Goto desktop  Move back one step  Move forward one step  Sitemap
Larger font Smaller font
   Download software

Corpus Presenter, Version 14   (c. 40 MB Zip file). Build: December 2014.

Files for the Helsinki corpus

Version 14 Corpus Presenter is a major upgrade of the program compared to previous versions and contains many significant enhancements. It is entirely free of charge and does not require registration or a password.

Installation process greatly simplified and improved

All you need do is download the ZIP file from the link in the above box and then extract the single .EXE file called Corpus_Presenter_14_Setup.exe. Double click on this file to open it. It will install Corpus Presenter 14 in less than a minute on any Windows-based computer system.

Apart from Corpus Presenter I program adaptations of this corpus software for university colleagues who have prepared or are preparing a corpus of their own and wish to have sophisticated retrieval software to go with this. So far such adaptations have been published by the Dutch linguistic publishers John Benjamins who also published the original of Corpus Presenter (version 7) in 2003. Anyone colleagues interested in an adaptation of Corpus Presenter to go with their corpus and which they would like to publish are advised to contact me at

If you have installed a previous version of Corpus Presenter on your computer, please remove it first (via the Add/Remove Software module in the Control Panel). Delete the directory C:\Program Files\Corpus Presenter as well.

Corpus Presenter works best with Windows XP / Windows Vista / Windows 7 / Windows 8 or 8.1. Make sure that you have installed the latest Service Pack for Windows XP, currently Service Pack 3, June 2009, available from Microsoft at the following address: (Windows XP, Service Pack 3)
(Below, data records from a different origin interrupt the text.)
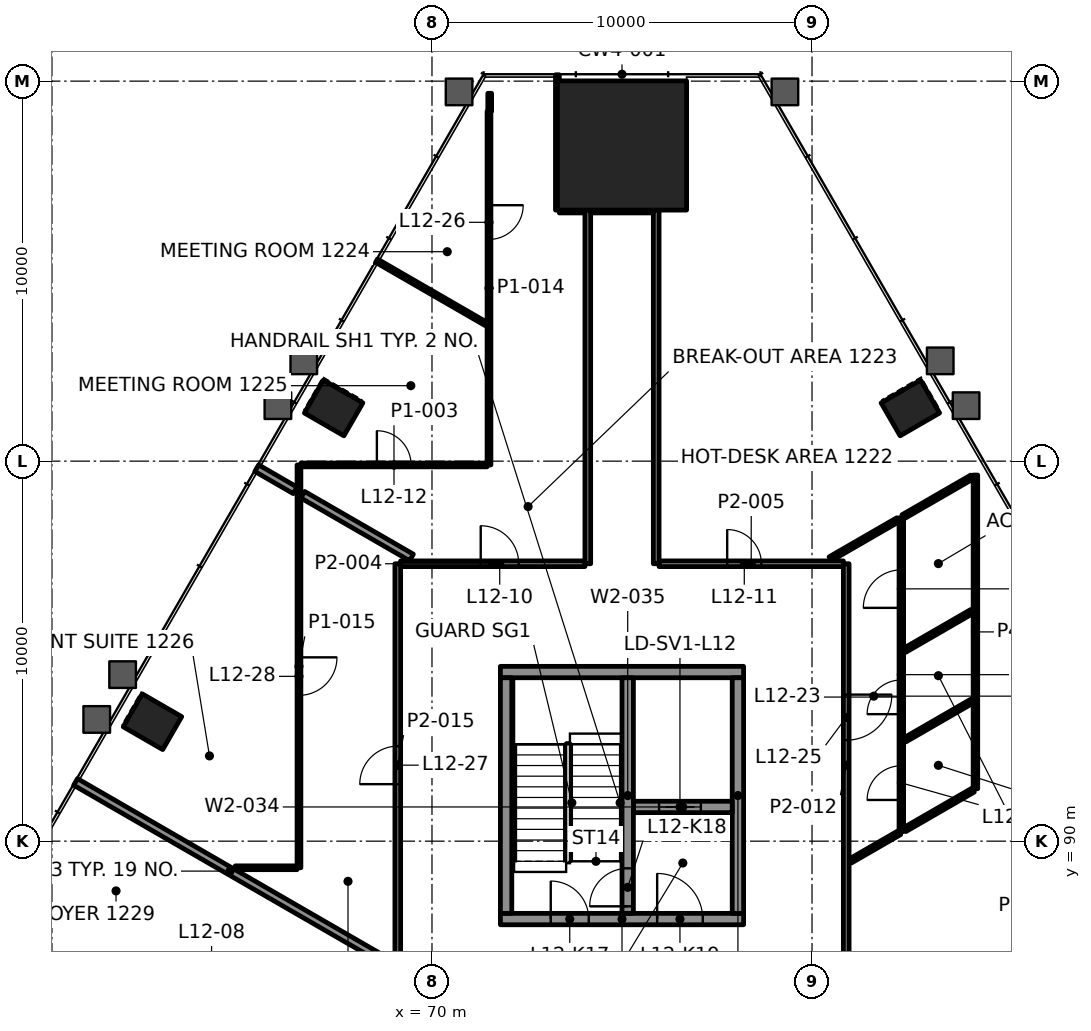
"""IFC4 building model, lengths in metres.
Left out: names, types, materials, properties, quantities, classifications, styles, units other than length and angle.
Written with IfcOpenShell. Run it as: python <this file> out.ifc"""

import sys

from ifc_helpers import new_model, si_unit, direction, frame, frame_2d, origin, origin_2d, place, context, subcontext, project, spatial, rectangle, extrude, element, fill, save


model = new_model("IFC4")
c1 = context("Model", 3, precision=1e-05, world=origin(), true_north=direction((0.0, 1.0)))
c2 = subcontext(c1, "Body", "Model", "MODEL_VIEW")
j1 = project(units=[si_unit("LENGTHUNIT", "METRE"), si_unit("PLANEANGLEUNIT", "RADIAN")], contexts=[c1])
p1 = place(None, origin())
s1 = spatial("IfcSite", under=j1, at=p1, CompositionType="ELEMENT")
p2 = place(p1, origin())
s2 = spatial("IfcBuilding", under=s1, at=p2, CompositionType="ELEMENT")
p3 = place(p2, frame((0.0, 0.0, 56.8)))
s3 = spatial("IfcBuildingStorey", under=s2, at=p3, CompositionType="ELEMENT", Elevation=56.8)
p4 = place(p3, frame((75.0, 108.307, 0.0), z_axis=(0.0, 0.0, 1.0), x_axis=(-1.0, 0.0, 0.0)))
e1 = element("IfcColumn", 1, at=p4, inside=s3, PredefinedType="COLUMN", context=c2, shape_type="SweptSolid", body=[
    extrude(rectangle(XDim=3.4, YDim=3.4, at=origin_2d()), origin(), (0.0, 0.0, 1.0), 4.2),
])
for number, where, z_axis, x_axis in (
    (2, (82.588, 101.4, -0.0), (0.0, 0.0, 1.0), (-0.5, 0.866, 0.0)),
    (3, (67.412, 101.4, -0.0), (0.0, 0.0, 1.0), (-0.5, -0.866, 0.0)),
    (4, (62.645, 93.143, -0.0), (0.0, 0.0, 1.0), (-0.5, -0.866, 0.0)),
):
    element("IfcColumn", number, at=place(p3, frame(where, z_axis=z_axis, x_axis=x_axis)), inside=s3, PredefinedType="COLUMN", context=c2, shape_type="SweptSolid", body=[
        extrude(rectangle(XDim=1.0, YDim=1.2, at=origin_2d()), origin(), (0.0, 0.0, 1.0), 4.2),
    ])
p5 = place(p3, frame((71.8, 87.95, 0.0), z_axis=(0.0, 0.0, 1.0), x_axis=(1.0, 0.0, 0.0)))
e5 = element("IfcWall", 5, at=p5, inside=s3, PredefinedType="SHEAR", context=c2, shape_type="SweptSolid", body=[
    extrude(rectangle(XDim=6.4, YDim=0.3, at=frame_2d((3.2, 0.0))), origin(), (0.0, 0.0, 1.0), 4.0),
])
p6 = place(p5, frame((1.325, 0.0, 0.0)))
e6 = element("IfcOpeningElement", 6, at=p6, cuts=e5, PredefinedType="OPENING", context=c2, shape_type="SweptSolid", body=[
    extrude(rectangle(XDim=1.0, YDim=2.1, at=frame_2d((0.5, 1.05))), frame((0.0, 0.16, 0.0), z_axis=(0.0, -1.0, 0.0), x_axis=(1.0, 0.0, 0.0)), (0.0, 0.0, 1.0), 0.32),
])
p7 = place(p5, frame((4.125, 0.0, 0.0)))
e7 = element("IfcOpeningElement", 7, at=p7, cuts=e5, PredefinedType="OPENING", context=c2, shape_type="SweptSolid", body=[
    extrude(rectangle(XDim=1.2, YDim=2.1, at=frame_2d((0.6, 1.05))), frame((0.0, 0.16, 0.0), z_axis=(0.0, -1.0, 0.0), x_axis=(1.0, 0.0, 0.0)), (0.0, 0.0, 1.0), 0.32),
])
p8 = place(p3, frame((71.8, 94.45, 0.0), z_axis=(0.0, 0.0, 1.0), x_axis=(1.0, 0.0, 0.0)))
e8 = element("IfcWall", 8, at=p8, inside=s3, PredefinedType="SHEAR", context=c2, shape_type="SweptSolid", body=[
    extrude(rectangle(XDim=6.4, YDim=0.3, at=frame_2d((3.2, 0.0))), origin(), (0.0, 0.0, 1.0), 4.0),
])
for number, where, z_axis, x_axis in (
    (9, (71.95, 88.1, 0.0), (0.0, 0.0, 1.0), (0.0, 1.0, 0.0)),
    (10, (78.05, 88.1, 0.0), (0.0, 0.0, 1.0), (0.0, 1.0, 0.0)),
):
    element("IfcWall", number, at=place(p3, frame(where, z_axis=z_axis, x_axis=x_axis)), inside=s3, PredefinedType="SHEAR", context=c2, shape_type="SweptSolid", body=[
        extrude(rectangle(XDim=6.2, YDim=0.3, at=frame_2d((3.1, 0.0))), origin(), (0.0, 0.0, 1.0), 4.0),
    ])
p9 = place(p3, frame((75.3, 90.9, 0.0), z_axis=(0.0, 0.0, 1.0), x_axis=(1.0, 0.0, 0.0)))
e11 = element("IfcWall", 11, at=p9, inside=s3, PredefinedType="SHEAR", context=c2, shape_type="SweptSolid", body=[
    extrude(rectangle(XDim=2.6, YDim=0.3, at=frame_2d((1.3, 0.0))), origin(), (0.0, 0.0, 1.0), 4.0),
])
p10 = place(p9, frame((0.675, 0.0, 0.0)))
e12 = element("IfcOpeningElement", 12, at=p10, cuts=e11, PredefinedType="OPENING", context=c2, shape_type="SweptSolid", body=[
    extrude(rectangle(XDim=1.1, YDim=2.1, at=frame_2d((0.55, 1.05))), frame((0.0, 0.16, 0.0), z_axis=(0.0, -1.0, 0.0), x_axis=(1.0, 0.0, 0.0)), (0.0, 0.0, 1.0), 0.32),
])
p11 = place(p3, frame((75.15, 88.1, 0.0), z_axis=(0.0, 0.0, 1.0), x_axis=(0.0, 1.0, 0.0)))
e13 = element("IfcWall", 13, at=p11, inside=s3, PredefinedType="SHEAR", context=c2, shape_type="SweptSolid", body=[
    extrude(rectangle(XDim=6.2, YDim=0.3, at=frame_2d((3.1, 0.0))), origin(), (0.0, 0.0, 1.0), 4.0),
])
p12 = place(p11, frame((0.185, 0.0, 0.0)))
e14 = element("IfcOpeningElement", 14, at=p12, cuts=e13, PredefinedType="OPENING", context=c2, shape_type="SweptSolid", body=[
    extrude(rectangle(XDim=1.0, YDim=2.1, at=frame_2d((0.5, 1.05))), frame((0.0, 0.16, 0.0), z_axis=(0.0, -1.0, 0.0), x_axis=(1.0, 0.0, 0.0)), (0.0, 0.0, 1.0), 0.32),
])
p13 = place(p3, frame((64.823, 89.3, 0.0), z_axis=(0.0, 0.0, 1.0), x_axis=(1.0, 0.0, 0.0)))
e15 = element("IfcWall", 15, at=p13, inside=s3, PredefinedType="PARTITIONING", context=c2, shape_type="SweptSolid", body=[
    extrude(rectangle(XDim=1.627, YDim=0.1, at=frame_2d((0.813, 0.0))), origin(), (0.0, 0.0, 1.0), 3.4),
])
p14 = place(p3, frame((69.175, 97.3, 0.0), z_axis=(0.0, 0.0, 1.0), x_axis=(1.0, 0.0, 0.0)))
e16 = element("IfcWall", 16, at=p14, inside=s3, PredefinedType="PARTITIONING", context=c2, shape_type="SweptSolid", body=[
    extrude(rectangle(XDim=4.85, YDim=0.15, at=frame_2d((2.425, 0.0))), origin(), (0.0, 0.0, 1.0), 3.4),
])
p15 = place(p14, frame((2.107, 0.0, 0.0)))
e17 = element("IfcOpeningElement", 17, at=p15, cuts=e16, PredefinedType="OPENING", context=c2, shape_type="SweptSolid", body=[
    extrude(rectangle(XDim=1.0, YDim=2.1, at=frame_2d((0.5, 1.05))), frame((0.0, 0.085, 0.0), z_axis=(0.0, -1.0, 0.0), x_axis=(1.0, 0.0, 0.0)), (0.0, 0.0, 1.0), 0.17),
])
p16 = place(p3, frame((75.975, 97.3, 0.0), z_axis=(0.0, 0.0, 1.0), x_axis=(1.0, 0.0, 0.0)))
e18 = element("IfcWall", 18, at=p16, inside=s3, PredefinedType="PARTITIONING", context=c2, shape_type="SweptSolid", body=[
    extrude(rectangle(XDim=4.85, YDim=0.15, at=frame_2d((2.425, 0.0))), origin(), (0.0, 0.0, 1.0), 3.4),
])
p17 = place(p16, frame((1.792, 0.0, 0.0)))
e19 = element("IfcOpeningElement", 19, at=p17, cuts=e18, PredefinedType="OPENING", context=c2, shape_type="SweptSolid", body=[
    extrude(rectangle(XDim=0.9, YDim=2.1, at=frame_2d((0.45, 1.05))), frame((0.0, 0.085, 0.0), z_axis=(0.0, -1.0, 0.0), x_axis=(1.0, 0.0, 0.0)), (0.0, 0.0, 1.0), 0.17),
])
p18 = place(p3, frame((66.551, 99.9, 0.0), z_axis=(0.0, 0.0, 1.0), x_axis=(1.0, 0.0, 0.0)))
e20 = element("IfcWall", 20, at=p18, inside=s3, PredefinedType="PARTITIONING", context=c2, shape_type="SweptSolid", body=[
    extrude(rectangle(XDim=4.899, YDim=0.1, at=frame_2d((2.45, 0.0))), origin(), (0.0, 0.0, 1.0), 3.165),
])
p19 = place(p18, frame((2.0, 0.0, 0.0)))
e21 = element("IfcOpeningElement", 21, at=p19, cuts=e20, PredefinedType="OPENING", context=c2, shape_type="SweptSolid", body=[
    extrude(rectangle(XDim=0.9, YDim=2.1, at=frame_2d((0.45, 1.05))), frame((0.0, 0.06, 0.0), z_axis=(0.0, -1.0, 0.0), x_axis=(1.0, 0.0, 0.0)), (0.0, 0.0, 1.0), 0.12),
])
p20 = place(p3, frame((73.351, 106.607, 0.0), z_axis=(0.0, 0.0, 1.0), x_axis=(1.0, 0.0, 0.0)))
e22 = element("IfcWall", 22, at=p20, inside=s3, PredefinedType="PARTITIONING", context=c2, shape_type="SweptSolid", body=[
    extrude(rectangle(XDim=0.674, YDim=0.15, at=frame_2d((0.337, 0.0))), origin(), (0.0, 0.0, 1.0), 3.4),
])
p21 = place(p3, frame((81.01, 89.479, 0.0), z_axis=(0.0, 0.0, 1.0), x_axis=(0.866055123991, 0.49994851956, 0.0)))
e23 = element("IfcWall", 23, at=p21, inside=s3, PredefinedType="PARTITIONING", context=c2, shape_type="SweptSolid", body=[
    extrude(rectangle(XDim=1.496, YDim=0.12, at=frame_2d((0.748, 0.0))), origin(), (0.0, 0.0, 1.0), 3.4),
])
for number, where, z_axis, x_axis in (
    (24, (82.445, 92.666, 0.0), (0.0, 0.0, 1.0), (0.866, 0.5, 0.0)),
    (25, (82.444, 95.026, 0.0), (0.0, 0.0, 1.0), (0.866, 0.5, 0.0)),
):
    element("IfcWall", number, at=place(p3, frame(where, z_axis=z_axis, x_axis=x_axis)), inside=s3, PredefinedType="PARTITIONING", context=c2, shape_type="SweptSolid", body=[
        extrude(rectangle(XDim=2.033, YDim=0.12, at=frame_2d((1.017, 0.0))), origin(), (0.0, 0.0, 1.0), 3.4),
    ])
p22 = place(p3, frame((80.479, 97.43, 0.0), z_axis=(0.0, 0.0, 1.0), x_axis=(0.866057052383, 0.499945179012, 0.0)))
e26 = element("IfcWall", 26, at=p22, inside=s3, PredefinedType="PARTITIONING", context=c2, shape_type="SweptSolid", body=[
    extrude(rectangle(XDim=2.056, YDim=0.12, at=frame_2d((1.028, 0.0))), origin(), (0.0, 0.0, 1.0), 3.4),
])
p23 = place(p3, frame((84.3, 91.379, 0.0), z_axis=(0.0, 0.0, 1.0), x_axis=(0.0, 1.0, 0.0)))
e27 = element("IfcWall", 27, at=p23, inside=s3, PredefinedType="PARTITIONING", context=c2, shape_type="SweptSolid", body=[
    extrude(rectangle(XDim=8.255, YDim=0.12, at=frame_2d((4.127, 0.0))), origin(), (0.0, 0.0, 1.0), 3.165),
])
p24 = place(p3, frame((82.35, 90.253, 0.0), z_axis=(0.0, 0.0, 1.0), x_axis=(0.0, 1.0, 0.0)))
e28 = element("IfcWall", 28, at=p24, inside=s3, PredefinedType="PARTITIONING", context=c2, shape_type="SweptSolid", body=[
    extrude(rectangle(XDim=8.257, YDim=0.12, at=frame_2d((4.128, 0.0))), origin(), (0.0, 0.0, 1.0), 3.4),
])
p25 = place(p24, frame((0.831, 0.0, 0.0)))
e29 = element("IfcOpeningElement", 29, at=p25, cuts=e28, PredefinedType="OPENING", context=c2, shape_type="SweptSolid", body=[
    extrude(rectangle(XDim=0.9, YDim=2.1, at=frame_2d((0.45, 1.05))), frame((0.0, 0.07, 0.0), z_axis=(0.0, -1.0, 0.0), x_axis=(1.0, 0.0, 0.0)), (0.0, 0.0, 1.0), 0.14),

You are not advised to use versions of the operating system older than Windows XP (i.e. not Windows 2000 and certainly not Windows 98). For legal reasons, I must stress that you use Corpus Presenter at your own risk. The program can be removed easily from your computer via the Add/Remove Software module in the Control Panel of Windows XP (called the Programs and Features module in versions of and after Windows 7).

The current version of Corpus Presenter is Version 14, build: December 2014 (see download link above). It follows on Version 13 (July 2013), Version 12 (September 2012), Version 11 (February 2009) and previous versions, including Version 7 supplied with the book. You do not need previous versions to run Version 14. You can update from the CD with the book (Version 7) directly to Version 14. Please uninstall all previous versions and re-start your computer before installing Version 14.

The book Corpus Presenter can be purchased from John Benjamins (see the relevant section of their website). If either you or your library purchase the book then this entitles you to support from the author.

   Helsinki Corpus Files (size: 91 KB)

The Helsinki Corpus of English Texts consists of 242 text files which are located in a single directory. I have constructed a data set file – Helsinki_Corpus.cpd – which will display the Helsinki Corpus as a hierarchical tree divided into layers according to period (Old, Middle and Early Modern English) and sub-period and then by genre as can be seen in the following screen shot.

The second file is intended for use with the supplied utility Corpus Presenter Find Text. The file is Helsinki_Codes.lst and it will replace the sequences of "+" and a letter with the actual Old and Middle English symbols, ash, thorn and eth in all the texts of the corpus which contain these. This makes the Old and Middle English texts much more readable. Bear in mind that the symbols, ash, thorn and eth can be accessed in Corpus Presenter modules by clicking on the button OE/ME, e.g. in the search options window of the Quick search or the parameters window on the Advanced search level.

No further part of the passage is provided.